This is not a struggle between right and left, but between the timeless essence of America and its myriad foes

EducationUSA Politics

President Donald Trump speaks during a Constitution Day speech in which he said he would sign an executive order promoting “patriotic education,” September 17, 2020. Photo by Joyce N. Boghosian/The White House.

In one of the most tumultuous months of one of the most telling presidencies in the history of late America, it’s hard to stay surprised. Clearly, the January 6 raid on the US Capitol was far from the most ruthless or effective “coup d’état” endorsed by a sitting president, and the aftermath is still more dismal. In a moment of storybook simplicity, the right took a drowning man’s bait and more or less corroborated years of liberal indignation at the Trump administration’s perceived abnormality. Truthfully, there was very little unprecedented about Trump’s path to power, nor his executive record; but the bizarre climax to his years of meek conspiracism proved to liberals the world over that his presidency had likewise defiled a sacred institution. Today, every cartoon lunatic associated with the siege serves as a metonym for Trump’s improper office. It’s a brilliant, and cheaply expedient, concentration and dispersal of responsibility; and on the eve of Biden’s inauguration, obviously doubles as a kind of cleansing rite, by which the legitimacy of the sovereign is restored.

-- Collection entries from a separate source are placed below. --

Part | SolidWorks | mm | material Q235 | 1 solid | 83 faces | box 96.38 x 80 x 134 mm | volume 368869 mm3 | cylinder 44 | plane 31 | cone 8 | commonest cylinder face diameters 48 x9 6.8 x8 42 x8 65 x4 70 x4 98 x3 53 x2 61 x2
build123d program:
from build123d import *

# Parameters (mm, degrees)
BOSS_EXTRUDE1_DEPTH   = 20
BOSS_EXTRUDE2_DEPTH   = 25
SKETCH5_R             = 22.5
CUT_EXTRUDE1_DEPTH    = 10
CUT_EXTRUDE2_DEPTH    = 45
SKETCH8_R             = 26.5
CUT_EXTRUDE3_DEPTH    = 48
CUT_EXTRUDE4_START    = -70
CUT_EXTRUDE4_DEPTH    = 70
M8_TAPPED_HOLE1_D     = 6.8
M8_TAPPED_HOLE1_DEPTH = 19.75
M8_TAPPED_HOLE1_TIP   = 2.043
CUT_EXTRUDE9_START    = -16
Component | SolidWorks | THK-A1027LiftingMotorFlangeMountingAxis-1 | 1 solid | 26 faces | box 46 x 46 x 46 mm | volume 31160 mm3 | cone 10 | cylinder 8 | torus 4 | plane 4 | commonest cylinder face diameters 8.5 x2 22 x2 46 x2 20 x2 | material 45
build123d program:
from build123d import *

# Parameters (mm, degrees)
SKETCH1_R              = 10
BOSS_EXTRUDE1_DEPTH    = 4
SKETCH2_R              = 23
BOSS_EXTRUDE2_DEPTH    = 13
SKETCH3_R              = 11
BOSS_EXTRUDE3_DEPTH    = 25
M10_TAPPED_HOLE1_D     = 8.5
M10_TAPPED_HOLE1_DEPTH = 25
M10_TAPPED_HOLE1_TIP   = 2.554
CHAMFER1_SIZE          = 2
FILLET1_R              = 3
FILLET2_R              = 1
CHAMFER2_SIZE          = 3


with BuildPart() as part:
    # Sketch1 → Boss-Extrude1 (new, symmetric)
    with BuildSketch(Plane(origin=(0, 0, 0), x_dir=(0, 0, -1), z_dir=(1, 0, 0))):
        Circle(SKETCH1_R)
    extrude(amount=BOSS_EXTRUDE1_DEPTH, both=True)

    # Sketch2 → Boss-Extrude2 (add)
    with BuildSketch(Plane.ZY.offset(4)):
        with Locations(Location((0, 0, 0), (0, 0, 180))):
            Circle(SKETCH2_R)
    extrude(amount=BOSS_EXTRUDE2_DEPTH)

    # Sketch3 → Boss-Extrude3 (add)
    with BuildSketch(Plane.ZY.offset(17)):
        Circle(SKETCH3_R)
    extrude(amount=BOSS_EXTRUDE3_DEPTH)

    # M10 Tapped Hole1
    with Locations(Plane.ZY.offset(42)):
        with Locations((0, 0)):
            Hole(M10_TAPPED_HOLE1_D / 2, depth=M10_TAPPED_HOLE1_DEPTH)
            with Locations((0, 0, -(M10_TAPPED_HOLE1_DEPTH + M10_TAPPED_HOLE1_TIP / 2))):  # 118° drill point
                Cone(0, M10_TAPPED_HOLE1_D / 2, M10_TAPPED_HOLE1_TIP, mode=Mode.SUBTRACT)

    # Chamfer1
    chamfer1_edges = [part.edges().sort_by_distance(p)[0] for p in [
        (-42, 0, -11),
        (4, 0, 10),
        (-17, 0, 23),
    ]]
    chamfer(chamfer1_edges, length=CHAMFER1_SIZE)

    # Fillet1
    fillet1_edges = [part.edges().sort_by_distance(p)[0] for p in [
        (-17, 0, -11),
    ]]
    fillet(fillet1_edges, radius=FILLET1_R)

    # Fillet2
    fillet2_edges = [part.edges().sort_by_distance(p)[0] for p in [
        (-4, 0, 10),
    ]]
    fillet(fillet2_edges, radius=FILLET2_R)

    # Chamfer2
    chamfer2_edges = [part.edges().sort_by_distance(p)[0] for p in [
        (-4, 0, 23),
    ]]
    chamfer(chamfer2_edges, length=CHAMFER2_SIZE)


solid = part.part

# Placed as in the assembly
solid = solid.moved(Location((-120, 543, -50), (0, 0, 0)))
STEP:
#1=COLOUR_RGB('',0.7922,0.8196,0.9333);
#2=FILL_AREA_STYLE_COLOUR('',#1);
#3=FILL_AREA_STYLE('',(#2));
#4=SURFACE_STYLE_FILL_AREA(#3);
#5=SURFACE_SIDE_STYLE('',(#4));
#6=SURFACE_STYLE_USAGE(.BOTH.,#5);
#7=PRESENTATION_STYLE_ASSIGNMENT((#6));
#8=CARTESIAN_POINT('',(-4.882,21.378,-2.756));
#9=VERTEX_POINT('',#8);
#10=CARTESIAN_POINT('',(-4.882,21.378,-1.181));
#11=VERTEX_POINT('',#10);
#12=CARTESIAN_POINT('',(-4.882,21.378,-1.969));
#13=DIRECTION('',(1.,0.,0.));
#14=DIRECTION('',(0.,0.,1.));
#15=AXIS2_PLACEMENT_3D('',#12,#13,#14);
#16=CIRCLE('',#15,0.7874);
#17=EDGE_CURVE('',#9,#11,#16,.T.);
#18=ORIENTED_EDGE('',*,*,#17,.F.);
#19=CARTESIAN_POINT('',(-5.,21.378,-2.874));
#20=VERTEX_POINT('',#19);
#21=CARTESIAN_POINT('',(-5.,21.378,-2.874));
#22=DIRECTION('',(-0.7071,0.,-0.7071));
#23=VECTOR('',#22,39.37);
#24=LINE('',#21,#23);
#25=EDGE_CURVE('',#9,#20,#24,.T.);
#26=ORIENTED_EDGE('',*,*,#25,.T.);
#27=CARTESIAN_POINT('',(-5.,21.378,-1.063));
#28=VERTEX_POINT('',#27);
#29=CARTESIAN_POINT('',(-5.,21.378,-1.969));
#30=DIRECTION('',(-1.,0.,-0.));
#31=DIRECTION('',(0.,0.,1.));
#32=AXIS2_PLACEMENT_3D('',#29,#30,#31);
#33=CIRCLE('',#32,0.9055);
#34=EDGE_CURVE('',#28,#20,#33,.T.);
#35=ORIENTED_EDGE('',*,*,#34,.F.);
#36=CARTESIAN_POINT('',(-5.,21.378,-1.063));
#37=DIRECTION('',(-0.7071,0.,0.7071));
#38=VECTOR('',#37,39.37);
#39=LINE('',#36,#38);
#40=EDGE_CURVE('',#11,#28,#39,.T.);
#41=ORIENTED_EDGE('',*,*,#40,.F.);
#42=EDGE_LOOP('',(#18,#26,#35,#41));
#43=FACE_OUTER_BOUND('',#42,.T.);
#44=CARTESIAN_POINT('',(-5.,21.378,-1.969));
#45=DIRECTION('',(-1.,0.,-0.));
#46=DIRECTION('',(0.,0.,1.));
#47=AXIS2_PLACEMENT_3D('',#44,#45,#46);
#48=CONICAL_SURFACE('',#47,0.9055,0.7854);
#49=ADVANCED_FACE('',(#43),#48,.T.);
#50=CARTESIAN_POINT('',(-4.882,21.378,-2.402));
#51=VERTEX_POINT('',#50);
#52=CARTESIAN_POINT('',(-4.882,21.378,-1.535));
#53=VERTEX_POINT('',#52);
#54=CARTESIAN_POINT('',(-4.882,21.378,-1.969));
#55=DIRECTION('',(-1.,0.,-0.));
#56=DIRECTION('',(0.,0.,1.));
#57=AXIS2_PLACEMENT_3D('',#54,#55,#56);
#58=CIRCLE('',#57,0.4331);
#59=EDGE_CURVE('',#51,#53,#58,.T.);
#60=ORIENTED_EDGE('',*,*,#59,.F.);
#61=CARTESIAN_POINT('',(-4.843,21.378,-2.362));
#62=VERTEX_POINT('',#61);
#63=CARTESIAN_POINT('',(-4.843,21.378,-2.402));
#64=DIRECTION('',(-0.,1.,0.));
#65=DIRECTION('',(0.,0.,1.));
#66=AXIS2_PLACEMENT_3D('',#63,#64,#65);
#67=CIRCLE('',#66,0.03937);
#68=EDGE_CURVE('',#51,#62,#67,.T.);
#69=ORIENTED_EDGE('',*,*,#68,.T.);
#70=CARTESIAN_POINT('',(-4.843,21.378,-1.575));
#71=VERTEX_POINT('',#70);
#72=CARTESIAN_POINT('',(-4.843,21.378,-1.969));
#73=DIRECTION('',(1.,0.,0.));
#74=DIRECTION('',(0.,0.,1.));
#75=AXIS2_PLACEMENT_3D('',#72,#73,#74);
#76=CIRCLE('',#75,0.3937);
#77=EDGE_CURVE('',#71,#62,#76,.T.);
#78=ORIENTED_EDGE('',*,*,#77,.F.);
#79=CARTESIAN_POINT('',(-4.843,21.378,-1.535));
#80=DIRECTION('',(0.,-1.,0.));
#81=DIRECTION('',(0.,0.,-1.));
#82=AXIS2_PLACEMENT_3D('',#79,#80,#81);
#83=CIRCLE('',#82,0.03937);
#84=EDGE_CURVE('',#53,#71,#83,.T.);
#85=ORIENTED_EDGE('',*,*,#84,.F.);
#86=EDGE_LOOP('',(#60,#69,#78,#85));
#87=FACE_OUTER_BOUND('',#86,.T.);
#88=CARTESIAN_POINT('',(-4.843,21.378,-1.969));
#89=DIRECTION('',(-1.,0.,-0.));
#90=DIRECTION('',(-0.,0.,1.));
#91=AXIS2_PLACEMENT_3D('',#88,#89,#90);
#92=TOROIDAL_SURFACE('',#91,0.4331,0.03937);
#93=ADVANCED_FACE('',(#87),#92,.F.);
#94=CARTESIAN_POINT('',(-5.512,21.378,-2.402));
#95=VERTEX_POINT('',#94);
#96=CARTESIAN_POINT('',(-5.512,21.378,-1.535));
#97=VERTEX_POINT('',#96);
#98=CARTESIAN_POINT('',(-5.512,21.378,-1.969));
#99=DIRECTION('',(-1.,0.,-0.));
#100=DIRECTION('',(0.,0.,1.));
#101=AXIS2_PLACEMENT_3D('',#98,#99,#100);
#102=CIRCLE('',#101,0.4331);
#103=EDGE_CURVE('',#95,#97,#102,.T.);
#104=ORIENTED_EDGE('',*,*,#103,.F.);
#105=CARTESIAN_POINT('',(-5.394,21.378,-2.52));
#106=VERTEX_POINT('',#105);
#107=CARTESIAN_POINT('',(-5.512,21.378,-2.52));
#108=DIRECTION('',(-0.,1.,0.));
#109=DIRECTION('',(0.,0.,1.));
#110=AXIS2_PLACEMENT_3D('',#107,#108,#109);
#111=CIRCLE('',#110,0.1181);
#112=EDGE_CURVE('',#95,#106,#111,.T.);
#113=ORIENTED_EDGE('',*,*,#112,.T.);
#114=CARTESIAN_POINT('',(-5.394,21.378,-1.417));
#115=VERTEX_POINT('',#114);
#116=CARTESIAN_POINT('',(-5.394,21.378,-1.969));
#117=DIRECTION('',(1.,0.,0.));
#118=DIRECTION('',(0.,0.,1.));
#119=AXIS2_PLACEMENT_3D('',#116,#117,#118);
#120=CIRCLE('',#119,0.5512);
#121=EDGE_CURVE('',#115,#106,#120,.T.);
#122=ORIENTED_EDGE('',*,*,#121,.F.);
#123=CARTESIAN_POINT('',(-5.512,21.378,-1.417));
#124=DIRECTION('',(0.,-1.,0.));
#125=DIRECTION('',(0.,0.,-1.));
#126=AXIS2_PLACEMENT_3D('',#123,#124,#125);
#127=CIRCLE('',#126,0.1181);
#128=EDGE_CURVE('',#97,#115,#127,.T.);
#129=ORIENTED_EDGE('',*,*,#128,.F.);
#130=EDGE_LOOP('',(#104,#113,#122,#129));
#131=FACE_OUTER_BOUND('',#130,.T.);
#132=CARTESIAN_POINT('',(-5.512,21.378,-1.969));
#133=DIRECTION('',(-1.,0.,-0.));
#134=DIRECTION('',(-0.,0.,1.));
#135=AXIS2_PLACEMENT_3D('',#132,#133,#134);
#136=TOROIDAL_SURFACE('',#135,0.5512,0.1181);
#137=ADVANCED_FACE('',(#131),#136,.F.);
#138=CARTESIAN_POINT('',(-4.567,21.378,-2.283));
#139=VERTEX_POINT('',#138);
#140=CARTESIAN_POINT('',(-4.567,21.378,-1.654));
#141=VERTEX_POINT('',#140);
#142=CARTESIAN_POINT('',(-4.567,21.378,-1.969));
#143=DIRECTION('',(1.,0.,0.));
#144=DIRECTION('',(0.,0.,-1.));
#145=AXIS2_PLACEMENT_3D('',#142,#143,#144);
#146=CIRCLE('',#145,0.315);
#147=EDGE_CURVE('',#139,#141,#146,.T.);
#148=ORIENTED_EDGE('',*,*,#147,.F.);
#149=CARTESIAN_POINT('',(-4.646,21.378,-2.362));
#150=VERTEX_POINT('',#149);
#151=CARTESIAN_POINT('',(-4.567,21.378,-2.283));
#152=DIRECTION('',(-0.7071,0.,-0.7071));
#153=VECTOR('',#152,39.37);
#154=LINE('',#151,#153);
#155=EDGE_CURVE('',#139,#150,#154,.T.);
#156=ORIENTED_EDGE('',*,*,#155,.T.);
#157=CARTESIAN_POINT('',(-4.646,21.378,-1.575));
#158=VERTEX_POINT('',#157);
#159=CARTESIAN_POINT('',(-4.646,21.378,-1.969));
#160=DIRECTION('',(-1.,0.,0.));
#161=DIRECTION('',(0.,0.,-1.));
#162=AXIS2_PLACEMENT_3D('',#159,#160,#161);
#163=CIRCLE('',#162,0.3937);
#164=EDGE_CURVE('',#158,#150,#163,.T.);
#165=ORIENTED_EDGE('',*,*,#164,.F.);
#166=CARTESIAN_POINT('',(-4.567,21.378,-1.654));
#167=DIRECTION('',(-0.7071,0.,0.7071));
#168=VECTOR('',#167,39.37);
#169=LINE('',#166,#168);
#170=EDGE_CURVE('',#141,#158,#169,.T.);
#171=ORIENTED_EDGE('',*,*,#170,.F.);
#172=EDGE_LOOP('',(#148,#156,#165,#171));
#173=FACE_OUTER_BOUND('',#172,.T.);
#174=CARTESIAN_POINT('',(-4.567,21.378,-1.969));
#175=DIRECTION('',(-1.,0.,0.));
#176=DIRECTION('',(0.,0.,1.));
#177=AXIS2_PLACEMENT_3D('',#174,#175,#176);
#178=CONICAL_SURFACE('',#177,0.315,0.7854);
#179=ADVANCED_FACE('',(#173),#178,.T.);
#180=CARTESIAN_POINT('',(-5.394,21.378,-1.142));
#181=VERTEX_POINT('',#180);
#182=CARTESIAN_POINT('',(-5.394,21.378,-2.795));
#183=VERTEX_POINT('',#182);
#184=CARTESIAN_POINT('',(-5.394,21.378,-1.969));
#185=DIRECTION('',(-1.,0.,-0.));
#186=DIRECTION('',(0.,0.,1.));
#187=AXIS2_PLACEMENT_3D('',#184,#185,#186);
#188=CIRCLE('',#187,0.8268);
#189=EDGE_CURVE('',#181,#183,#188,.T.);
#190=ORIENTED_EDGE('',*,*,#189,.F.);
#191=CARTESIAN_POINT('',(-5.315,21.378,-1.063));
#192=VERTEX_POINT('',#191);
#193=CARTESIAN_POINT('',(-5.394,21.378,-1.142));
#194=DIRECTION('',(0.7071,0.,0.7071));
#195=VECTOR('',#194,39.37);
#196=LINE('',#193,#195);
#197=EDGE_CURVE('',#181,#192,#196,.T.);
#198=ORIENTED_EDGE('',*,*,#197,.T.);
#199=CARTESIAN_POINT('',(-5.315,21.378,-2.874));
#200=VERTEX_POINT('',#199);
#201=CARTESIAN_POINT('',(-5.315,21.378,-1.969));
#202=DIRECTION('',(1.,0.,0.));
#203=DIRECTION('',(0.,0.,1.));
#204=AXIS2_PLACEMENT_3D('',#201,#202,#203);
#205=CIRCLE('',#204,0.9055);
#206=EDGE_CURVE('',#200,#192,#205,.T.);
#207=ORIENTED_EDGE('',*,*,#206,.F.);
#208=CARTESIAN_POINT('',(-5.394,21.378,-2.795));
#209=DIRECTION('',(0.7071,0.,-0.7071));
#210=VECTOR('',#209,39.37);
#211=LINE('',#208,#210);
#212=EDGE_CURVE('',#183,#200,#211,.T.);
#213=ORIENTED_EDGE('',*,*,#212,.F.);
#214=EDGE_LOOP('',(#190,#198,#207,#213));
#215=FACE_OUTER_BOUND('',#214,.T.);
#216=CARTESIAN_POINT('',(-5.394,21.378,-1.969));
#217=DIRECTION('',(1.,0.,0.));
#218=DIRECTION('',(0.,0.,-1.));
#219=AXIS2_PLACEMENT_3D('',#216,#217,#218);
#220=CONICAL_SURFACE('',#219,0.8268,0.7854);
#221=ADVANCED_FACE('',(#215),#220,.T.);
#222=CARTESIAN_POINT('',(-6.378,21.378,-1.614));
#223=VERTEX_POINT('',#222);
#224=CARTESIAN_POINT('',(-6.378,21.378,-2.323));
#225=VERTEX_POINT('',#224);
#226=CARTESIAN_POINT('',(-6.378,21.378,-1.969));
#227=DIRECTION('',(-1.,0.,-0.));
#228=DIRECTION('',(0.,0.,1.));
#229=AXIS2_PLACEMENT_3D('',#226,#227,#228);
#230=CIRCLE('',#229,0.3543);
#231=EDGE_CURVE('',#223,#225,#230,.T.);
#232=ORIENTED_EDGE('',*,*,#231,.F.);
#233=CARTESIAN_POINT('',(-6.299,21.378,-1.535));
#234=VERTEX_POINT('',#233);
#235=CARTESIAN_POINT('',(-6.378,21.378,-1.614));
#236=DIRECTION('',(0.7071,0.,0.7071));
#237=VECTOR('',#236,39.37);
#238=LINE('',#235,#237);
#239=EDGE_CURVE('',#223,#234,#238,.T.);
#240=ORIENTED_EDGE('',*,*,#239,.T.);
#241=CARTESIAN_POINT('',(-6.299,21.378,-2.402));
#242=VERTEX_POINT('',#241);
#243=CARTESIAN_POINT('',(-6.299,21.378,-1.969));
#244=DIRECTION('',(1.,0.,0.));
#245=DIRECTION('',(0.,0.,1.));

Much has been written on this farce, and its possible ramifications for already criminalized social movements. Only two weeks later, it’s difficult to imagine the Trump presidency ending any other way. But the death flails of officialdom continue, and just yesterday the outgoing administration made good on the work of the President’s Advisory 1776 Commission, convened in September to outline a new program of “patriotic education,” in the form of a free-wheeling, little-researched, forty-page screed. Marred by sweepingly ahistorical claims and barely reconstructed McCarthyist pique, the report also includes appendices on the centrality of religious faith to American governance, the dangers of identity politics, and the “misuse of history” by social justice activists. It’s a lot, in sum; and also, very little.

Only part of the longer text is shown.